Não por falta de uma opinião formada sobre a tragédia, mas simplesmente porque
tenho estado ocupada com outros assuntos e, verdade seja dita, já há demasiada
gente a debitar linhas sobre o caso. No entanto, hoje, ao deparar-me com a
frase deste grafismo da CNN Portugal — “Lindsay Clancy matou
os três filhos. ‘O facto de termos um crime que foi planeado não lhe retira o
ónus de ter sido causado pela doença mental’”—, foi-me impossível conter a reação.
A leitura daquele argumento não me provocou apenas discórdia; empurrou-me, de
imediato, para o imaginário de Gotham, a cidade de Batman.

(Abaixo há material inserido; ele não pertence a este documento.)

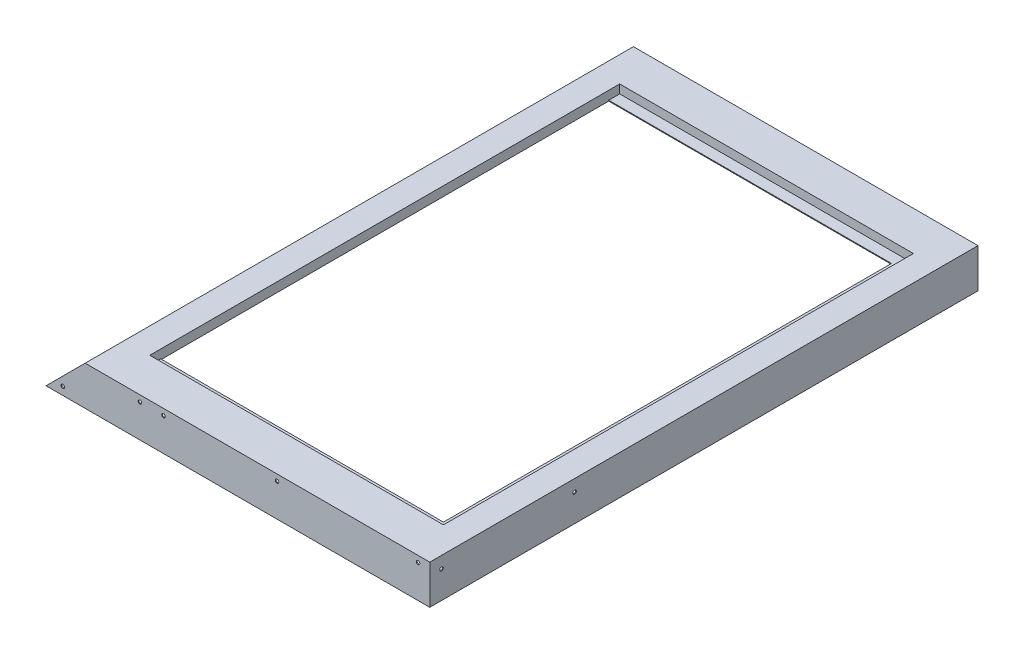
from build123d import *

# Parameters (mm, degrees)
EXTRUDE_1_DEPTH     = 700
SKETCH_2_W          = 750
SKETCH_2_H          = 1200
CUT_EXTRUDE_1_DEPTH = 43
SKETCH_3_W          = 754
SKETCH_3_H          = 1204
SKETCH_3_W_2        = 750
SKETCH_3_H_2        = 1200
EXTRUDE_2_DEPTH     = 24
EXTRUDE_3_DEPTH     = 2
EXTRUDE_4_DEPTH     = 2
SKETCH_6_W          = 980
SKETCH_6_H          = 30
EXTRUDE_5_DEPTH     = 2
EXTRUDE_7_DEPTH     = 2
SKETCH_9_R          = 4.5
CUT_EXTRUDE_2_DEPTH = 10
CUT_EXTRUDE_3_DEPTH = 45
SKETCH_11_R         = 4.5
CUT_EXTRUDE_4_DEPTH = 5
SKETCH_12_R         = 4.5
CUT_EXTRUDE_5_DEPTH = 10


with BuildPart() as part:
    # 草图1 → 凸台-拉伸1 (new, symmetric)
    with BuildSketch(Plane.XY):
        Polygon((490, 0), (460, 0), (460, 2), (488, 2), (488, 98), (-389.171572875, 98), (-485.171572875, 2), (-460, 2), (-460, 0), (-490, 0), (-390, 100), (490, 100), align=None)
    extrude(amount=EXTRUDE_1_DEPTH, both=True)

    # 草图2 → 切除-拉伸1 (cut)
    with BuildSketch(Plane(origin=(0, 100, 0), x_dir=(1, 0, 0), z_dir=(0, 1, 0))):
        with Locations((50, 0)):
            Rectangle(SKETCH_2_W, SKETCH_2_H)
    extrude(amount=-CUT_EXTRUDE_1_DEPTH, mode=Mode.SUBTRACT)

    # 草图3 → 凸台-拉伸2 (add)
    with BuildSketch(Plane(origin=(0, 100, 0), x_dir=(1, 0, 0), z_dir=(0, 1, 0))):
        with Locations((50, 0)):
            Rectangle(SKETCH_3_W, SKETCH_3_H)
        with Locations((50, 0)):
            Rectangle(SKETCH_3_W_2, SKETCH_3_H_2, mode=Mode.SUBTRACT)
    extrude(amount=-EXTRUDE_2_DEPTH)

    # 草图4 → 凸台-拉伸3 (add)
    with BuildSketch(Plane.XZ.offset(-76)):
        Polygon((-327, 602), (427, 602), (427, 572), (427, -572), (427, -602), (-327, -602), (-327, -572), (397, -572), (397, 0), (397, 572), (-327, 572), align=None)
    extrude(amount=-EXTRUDE_3_DEPTH)



with BuildPart() as body_2:
    # 草图5 → 凸台-拉伸4 (new body)
    with BuildSketch(Plane(origin=(0, 0, -700), x_dir=(-1, 0, 0), z_dir=(0, 0, -1))):
        Polygon((-490, 100), (-490, 0), (490, 0), (390, 100), align=None)
    extrude(amount=-EXTRUDE_4_DEPTH)


with BuildPart() as part_1:
    add(part.part)

    add(body_2.part)  # 凸台-拉伸5 merges body 2
    # 草图6 → 凸台-拉伸5 (add)
    with BuildSketch(Plane.XZ):
        with Locations((0, -685)):
            Rectangle(SKETCH_6_W, SKETCH_6_H)
    extrude(amount=-EXTRUDE_5_DEPTH)

    # 草图8 → 凸台-拉伸7 (add)
    with BuildSketch(Plane.XY.offset(700)):
        Polygon((490, 0), (490, 100), (-390, 100), (-490, 0), (-460, 0), (460, 0), align=None)
    extrude(amount=-EXTRUDE_7_DEPTH)

    # 草图9 → 切除-拉伸2 (cut)
    with BuildSketch(Plane(origin=(0, 0, 698), x_dir=(-1, 0, 0), z_dir=(0, 0, -1))):
        with Locations((-460, 84)):
            Circle(SKETCH_9_R)
        with Locations((250, 84)):
            Circle(SKETCH_9_R)
        with Locations((190, 84)):
            Circle(SKETCH_9_R)
        with Locations((447.012193309, 20.360389693)):
            Circle(SKETCH_9_R)
        with Locations((-100, 84)):
            Circle(SKETCH_9_R)
    extrude(amount=-CUT_EXTRUDE_2_DEPTH, mode=Mode.SUBTRACT)

    # 草图10 → 切除-拉伸3 (cut)
    with BuildSketch(Plane(origin=(0, 0, -700), x_dir=(-1, 0, 0), z_dir=(0, 0, -1))):
        Polygon((478.109799219, 11.890200781), (488, 2), (495.020614582, -5.020614582), (488.781283968, 5.695100391), align=None)
    extrude(amount=-CUT_EXTRUDE_3_DEPTH, mode=Mode.SUBTRACT)

    # 草图11 → 切除-拉伸4 (cut)
    with BuildSketch(Plane.XZ):
        with Locations((-474, 670)):
            Circle(SKETCH_11_R)
        with Locations((-474, 0)):
            Circle(SKETCH_11_R)
        with Locations((-474, -684)):
            Circle(SKETCH_11_R)
        with Locations((0, -684)):
            Circle(SKETCH_11_R)
        with Locations(Location((474, -684, 0), (0, 0, 270))):
            Circle(SKETCH_11_R)
        with Locations(Location((474, 0, 0), (0, 0, 270))):
            Circle(SKETCH_11_R)
        with Locations(Location((474, 670, 0), (0, 0, 270))):
            Circle(SKETCH_11_R)
    extrude(amount=-CUT_EXTRUDE_4_DEPTH, mode=Mode.SUBTRACT)

    # 草图12 → 切除-拉伸5 (cut)
    with BuildSketch(Plane.ZY.offset(-488)):
        with Locations((670, 70)):
            Circle(SKETCH_12_R)
        with Locations((330, 70)):
            Circle(SKETCH_12_R)
    extrude(amount=-CUT_EXTRUDE_5_DEPTH, mode=Mode.SUBTRACT)


solid = part_1.part
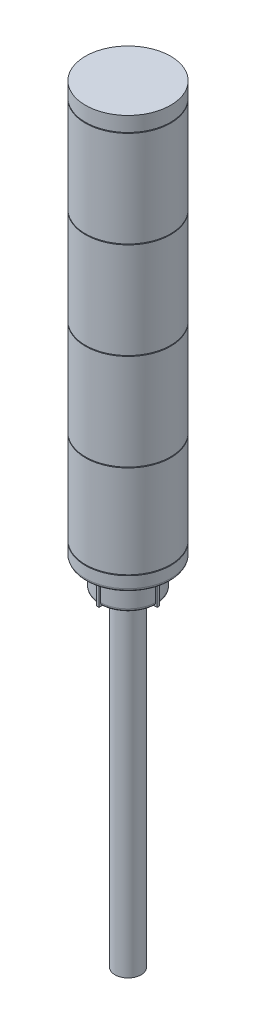
SolidWorks part; units mm, degrees
ref_plane "前视基准面" through (0, 0, 0) normal (0, 0, 1) x (1, 0, 0)
ref_plane "上视基准面" through (0, 0, 0) normal (0, 1, 0) x (1, 0, 0)
ref_plane "右视基准面" through (0, 0, 0) normal (1, 0, 0) x (0, 0, -1)
sketch "草图1" plane through (0, 0, 0) normal (0, 0, 1) x (1, 0, 0)
  line L0 (0, 0) -> (-8, 0)
  line L1 (-8, 0) -> (-8, 200)
  line L2 (-8, 200) -> (-15.5, 200)
  line L3 (-17.5, 202) -> (-17.5, 214)
  line L4 (-19.2217, 215.9805) -> (-24.2783, 216.6912)
  line L5 (-26, 218.6717) -> (-26, 469)
  line L6 (-26, 469) -> (0, 469)
  line L7 (0, 0) -> (0, 469)
  line L8 (0, 0) -> (0, 888.6012) construction
  arc A0 (-17.5, 202) -> (-15.5, 200) centre (-15.5, 202) ccw
  arc A1 (-17.5, 214) -> (-19.2217, 215.9805) centre (-19.5, 214) ccw
  arc A2 (-24.2783, 216.6912) -> (-26, 218.6717) centre (-24, 218.6717) cw
  dimension "D5" = 2
  dimension "D1" = 16
  dimension "D2" = 52
  dimension "D3" = 35
  dimension "D4" = 200
  dimension "D6" = 12
  dimension "D7" = 8
  dimension "L" = 469
revolve "旋转1" add sketch "草图1" angle 360 about L8
sketch "草图2" plane through (0, 0, 0) normal (0, 0, 1) x (1, 0, 0)
  line L0 (-15.5, 200) -> (15.5, 200) construction
  line L1 (23, 226) -> (29, 226)
  line L2 (23, 226) -> (23, 225.5)
  line L3 (23, 225.5) -> (29, 225.5)
  line L4 (29, 226) -> (29, 225.5)
  line L5 (23, 283) -> (29, 283)
  line L6 (23, 283) -> (23, 282.5)
  line L7 (23, 282.5) -> (29, 282.5)
  line L8 (29, 283) -> (29, 282.5)
  line L9 (23, 342) -> (29, 342)
  line L10 (23, 342) -> (23, 341.5)
  line L11 (23, 341.5) -> (29, 341.5)
  line L12 (29, 342) -> (29, 341.5)
  line L13 (23, 401) -> (29, 401)
  line L14 (23, 401) -> (23, 400.5)
  line L15 (23, 400.5) -> (29, 400.5)
  line L16 (29, 401) -> (29, 400.5)
  line L17 (23, 460) -> (29, 460)
  line L18 (23, 460) -> (23, 459.5)
  line L19 (23, 459.5) -> (29, 459.5)
  line L20 (29, 460) -> (29, 459.5)
  line L21 (23, 519) -> (29, 519)
  line L22 (23, 519) -> (23, 518.5)
  line L23 (23, 518.5) -> (29, 518.5)
  line L24 (29, 519) -> (29, 518.5)
  line L25 (23, 578) -> (29, 578)
  line L26 (23, 578) -> (23, 577.5)
  line L27 (23, 577.5) -> (29, 577.5)
  line L28 (29, 578) -> (29, 577.5)
  line L29 (8, 0) -> (8, 200) construction
  dimension "D1" = 26
  dimension "D2" = 15
  dimension "D3" = 6
  dimension "D4" = 0.5
  dimension "D5" = 57
  dimension "D6" = 59
  dimension "D7" = 59
  dimension "D8" = 59
  dimension "D9" = 59
  dimension "D10" = 59
  dimension "D11" = 0.5
  dimension "D12" = 0.5
  dimension "D13" = 0.5
  dimension "D14" = 0.5
  dimension "D15" = 0.5
  dimension "D16" = 0.5
ref_axis "基准轴1" through (0, 616.35, 0) along (0, -1, 0)
revolve "切除-旋转1" cut sketch "草图2" angle 360 about axis through (0, 616.35, 0) along (0, -1, 0)
sketch "草图3" plane through (0, 200, 0) normal (0, -1, 0) x (1, 0, 0)
  line L0 (18.5, -0.75) -> (12.5, -0.75)
  line L1 (-0.75, 18.5) -> (0.75, 18.5)
  line L2 (-0.75, 18.5) -> (-0.75, 12.5)
  line L3 (-0.75, 12.5) -> (0.75, 12.5)
  line L4 (0.75, 18.5) -> (0.75, 12.5)
  line L5 (-0.75, 18.5) -> (0.75, 12.5) construction
  line L6 (-0.75, 12.5) -> (0.75, 18.5) construction
  line L7 (18.5, 0.75) -> (12.5, 0.75)
  line L8 (18.5, 0.75) -> (18.5, -0.75)
  line L9 (12.5, 0.75) -> (12.5, -0.75)
  line L10 (-0.75, -18.5) -> (-0.75, -12.5)
  line L11 (0.75, -18.5) -> (0.75, -12.5)
  line L12 (0.75, -18.5) -> (-0.75, -18.5)
  line L13 (0.75, -12.5) -> (-0.75, -12.5)
  line L14 (-18.5, 0.75) -> (-12.5, 0.75)
  line L15 (-18.5, -0.75) -> (-12.5, -0.75)
  line L16 (-18.5, -0.75) -> (-18.5, 0.75)
  line L17 (-12.5, -0.75) -> (-12.5, 0.75)
  circle A0 centre (0, 0) radius 15.5 construction
  point P0 (0, 15.5)
  point P7 (-12.5, 0)
  point P9 (12.5, 0)
  dimension "D1" = 6
  dimension "D2" = 1.5
  dimension "D3" = 4
extrude "凸台-拉伸1" add sketch "草图3" against normal up to next

Gotham City não é um cenário
de ficção sobre o crime; é um tratado sobre o colapso das instituições. É uma
cidade permanentemente em chamas, devorada pelo caos, pela destruição e pelo
medo, onde a população conta os corpos nas ruas enquanto os criminosos mais
perigosos entram e saem de um sistema que se recusa a puni-los. A tragédia de
Gotham não nasce da falta de polícias ou de leis; nasce da ilusão burocrática
de que a barbárie pode ser domesticada num divã. É esse mesmo labirinto
psicológico que ameaça agora o nosso mundo real.
Lindsay Clancy não discute que
estrangulou Cora, Dawson e Callan. O julgamento em Massachusetts discute se, no
momento em que o fez, era criminalmente responsável. A frase que circulou na
CNN Portugal resume a tese da defesa: o facto de o crime ter sido planeado não
retira o ónus de ter sido causado pela doença mental.
Se o júri aceitar essa tese, ela não sai pela porta da prisão no dia do veredicto. Segue-se um internamento compulsivo numa unidade psiquiátrica de segurança, com revisões periódicas e o Ministério Público com voz nas decisões de uma eventual alta. Andrea Yates, o precedente mais invocado, nunca foi libertada. Isso é um facto. E é precisamente aqui que a analogia com Gotham deixa de ser uma caricatura e passa a ser um aviso.
Em Gotham, o Joker não
precisava de ser “inocentado” no sentido quotidiano da palavra. Precisava de
Arkham: um sítio que o classificava como doente, o continha temporariamente e,
com o tempo, falhava. Ele fugia. A cidade pagava com as mortes que se seguiam.
O sistema não abria a porta no primeiro dia; ia reclassificando o perigo,
gerindo a narrativa da doença e da reabilitação até a contenção se tornar uma
rotina administrativa. O mentor do mal não precisava de liberdade imediata.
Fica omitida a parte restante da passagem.